What are your thoughts on these?

https://www.hickies.com/

My wife wears them in her hiking boots for work and loves them. This way you can find whatever shoe you like regardless of laces.


----------



## Lucy Juice (Dec 29, 2010)

twodownzero said:


> Locklaces are the answer for you by the way. I have had them for years and they are absolutely worth the 8 dollars.





Leafkiller said:


> What are your thoughts on these?
> 
> https://www.hickies.com/
> 
> My wife wears them in her hiking boots for work and loves them. This way you can find whatever shoe you like regardless of laces.


Wow, both great options I wouldn't have thought of. Thanks, I'll look into these!


----------



## Renzo7 (Mar 25, 2015)

https://rideconcepts.com/collection...omens-session-livewire?variant=17230546927689

https://www.specialized.com/us/en/2...799?color=272389-155799&searchText=61120-4142

These might be of interest. Good luck!

Sent from my SM-J710MN using Tapatalk


----------



## mLeier (Oct 17, 2017)

I have these and really like them. They have a little elastic that you tuck the laces into. The laces were ridiculously long so I shortened them.

https://www.trekbikes.com/ca/en_CA/bike-clothing/cycling-shoes/mountain-bike-shoes/bontrager-flatline-womens-mountain-shoe/p/21731/?colorCode=black









I am thinking of trying these next. The descriptions says that there is a mesh pocket to tuck the laces into

https://www.liv-cycling.com/us/liv-shuttle-flat-2020









I do like the look and the comfort of the Five Tens, but I hate how thick and hot they are, how dirty they get and how long they take to dry. I much prefer leather shoes like the ones above.


----------



## weeksy950 (Jan 11, 2012)

Freeriders for Mrs Weeksy. She's even just bought a 2nd pair for day to day non-riding use as they're so comfortable.


----------



## SuperUltraKel (Sep 18, 2018)

The Giro Riddance shoes have that little elastic bit as well to hold the laces .... problem is that I really didn't like the shoes.
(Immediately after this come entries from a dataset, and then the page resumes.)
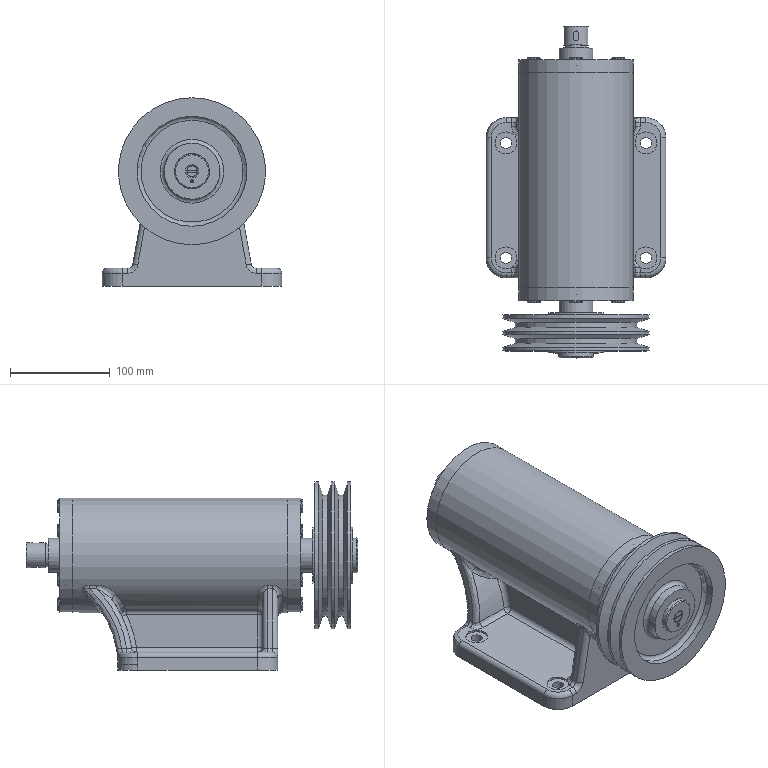Assembly | NX | mm | 26 component files | 52 solids | 750 faces | box 180 x 332 x 188.5 mm | volume 2797000 mm3 | plane 330 | cylinder 191 | cone 142 | torus 52 | spline 27 | sphere 8 | commonest cylinder face diameters 10 x28 11.25 x24 6.619 x12 13 x12 6.8 x12 9 x12 15 x12 35 x9
Bill of materials:
unnamed part 1 | 2 |  | Flat annular ring (washer-like): thin disc with a large concentric through-hole and chamfered outer edges.
GB-T70.1-2000,M8x25 | 12 |  | Hexagon Socket Head Cap Screw, GB-T 70.1-2000,M8x25
unnamed part 2 | 1 |  | Solid elongated block with fully rounded ends (obround/stadium plan shape) and small edge chamfers or rounds on the top and bottom perimeters; resembles a round-ended parallel key.
unnamed part 3 | 1 |  | Circular disc with a central countersunk through-hole, one smaller off-center plain through-hole, and a chamfer on one outer edge.
unnamed part 4 | 2 |  | Circular flange plate with a central through-bore, six through-holes evenly spaced on a bolt circle, and a raised concentric spigot/boss on one face.
unnamed part 5 | 1 |  | Slotted countersunk (flat) head screw-like fastener: conical head with a straight drive slot across the head face, and a plain cylindrical shank.
unnamed part 6 | 1 |  | Thin flat annular ring with a narrow radial wall and rectangular cross-section.
unnamed part 7 | 1 |  | Two-groove V-belt-style pulley/sheave with a central hub boss on both sides and a keyed central bore.
unnamed part 8 | 2 |  | Rolling-element bearing representation: outer ring, inner ring, and a ring of rolling elements between them; inner ring extends axially beyond outer ring on one side.
unnamed part 9 | 1 |  | Housing/bracket with a horizontal hollow cylindrical tube supported on a rectangular base plate by two webs (one straight, one curved); one tube end face has six holes on a circle, and the base has four corner holes.
unnamed part 10 | 1 |  | Solid plain cylindrical pin with chamfered ends on both sides.
unnamed part 11 | 1 |  | Stepped cylindrical shaft with several diameter steps, a larger central section, keyway slots near both ends, and small holes in one end face.
Mates:
1. fix | housing 1 component
2. concentric | key_A_8x7x24 1 edge | shaft 1 edge
3. concentric | bearing_30307 2 edge | shaft 1 edge
4. concentric | end_cap 2 edge | bearing_30307 2 edge
5. concentric | felt_ring 2 edge | end_cap 2 edge
6. concentric | end_cap 2 edge | housing 1 edge
7. concentric | pulley 1 edge | shaft 1 edge
8. concentric | circlip_35 1 edge | pulley 1 edge
9. concentric | pin_3x12 1 edge | circlip_35 1 edge
10. concentric | adjusting_ring 1 edge | end_cap 1 edge
11. concentric | felt_ring 1 edge | end_cap 1 edge
12. concentric | bearing_30307 1 edge | adjusting_ring 1 edge
13. concentric | end_cap 1 edge | housing 1 edge
14. concentric | screw_M6x18 1 edge | circlip_35 1 edge
15. bond | housing 1 component | assembly component
16. bond | screw_M8x25 12 component | assembly component
17. bond | screw_M8x25 11 component | assembly component
18. bond | screw_M8x25 10 component | assembly component
19. bond | screw_M8x25 9 component | assembly component
20. bond | screw_M8x25 8 component | assembly component
21. bond | screw_M8x25 7 component | assembly component
22. bond | screw_M8x25 6 component | assembly component
23. bond | screw_M8x25 5 component | assembly component
24. bond | screw_M8x25 4 component | assembly component
25. bond | screw_M8x25 3 component | assembly component
26. bond | screw_M8x25 2 component | assembly component
27. bond | screw_M8x25 1 component | assembly component
28. circular | assembly datumaxis | assembly cartesiancoordinatesystem | assembly cartesiancoordinatesystem | assembly cartesiancoordinatesystem | assembly cartesiancoordinatesystem | assembly cartesiancoordinatesystem | assembly cartesiancoordinatesystem
29. circular | assembly datumaxis | assembly cartesiancoordinatesystem | assembly cartesiancoordinatesystem | assembly cartesiancoordinatesystem | assembly cartesiancoordinatesystem | assembly cartesiancoordinatesystem | assembly cartesiancoordinatesystem

They had the Vibram bike specific rubber but it never felt grippy enough for me. I tried the Fiveten Freerider Canvas, which was great for grip and how cool they kept my foot, but they were WAY too soft and had no support and the laces felt incredibly too long. I tried the Fiveten Guide Tennies. I wear these all the time as casual shoes or for hiking or even climbing. I've spent entire climbing sessions at the gym using just these shoes and they are great and the laces are super thin and definitely not too long. On the bike though, I think the footprint is too narrow and the tread is too deep to really grip the pedals right. If you are more concerned with off the bike performance, they would work great though. For clips, I have settled on two different shoes for different rides. The Fiveten Kestrel Boa and the Maltese Falcon. The Kestrel has the best on bike characteristics of any clip shoe I've wornand with the Boa there are no lace issues whatsoever, while the Maltese Falcons are soft enough and comfortable enough to spend an entire day on my feet and yet jump on the bike and ride off. They also have a velcro strap that covers the tie portion of the laces and keeps them out of the way. For flats though, the Freerider Pros are the bees knees  They are comfy, protective, grippy, stiff and probably most importantly, they sized the laces so that they are secure but without them flopping all over the place. They are still traditional laces but when I'm wearing them, I forget that they are. Definitely worth the high price tag


----------



## formica (Jul 4, 2004)

I put shorter laces on my 5-10s. Nothing to tuck in after I tie them. Problem solved.


----------



## reedrunner92 (Jun 13, 2021)

I love my Crankbrothers Stamp Lace flat pedal shoes. Stamp Lace - Crankbrothers

They have a lace pocket, which it turns out I really like. I initially thought the lace pocket was a silly gimmick. Crankbrothers also sell shoes with BOA lacing so you might check those out if that's what you really want.

I bought the Cranks Stamp Lace flats for fit. I usually wear a size 6.5 in women's. The Stamp Lace in Euro size 38 fit me perfectly. I have relatively wide feet. If you have narrow feet these might not work for you. I feel your pain in this search, I stuck with spd clipless pedals for an extra year because I couldn't find flat shoes that fit. For me, I found that the most common shoes out there, Five Ten Freeriders had weird arch placement and size jumps in the 6-7 women's size range.

Good luck! Please update the thread if you find something that works!


----------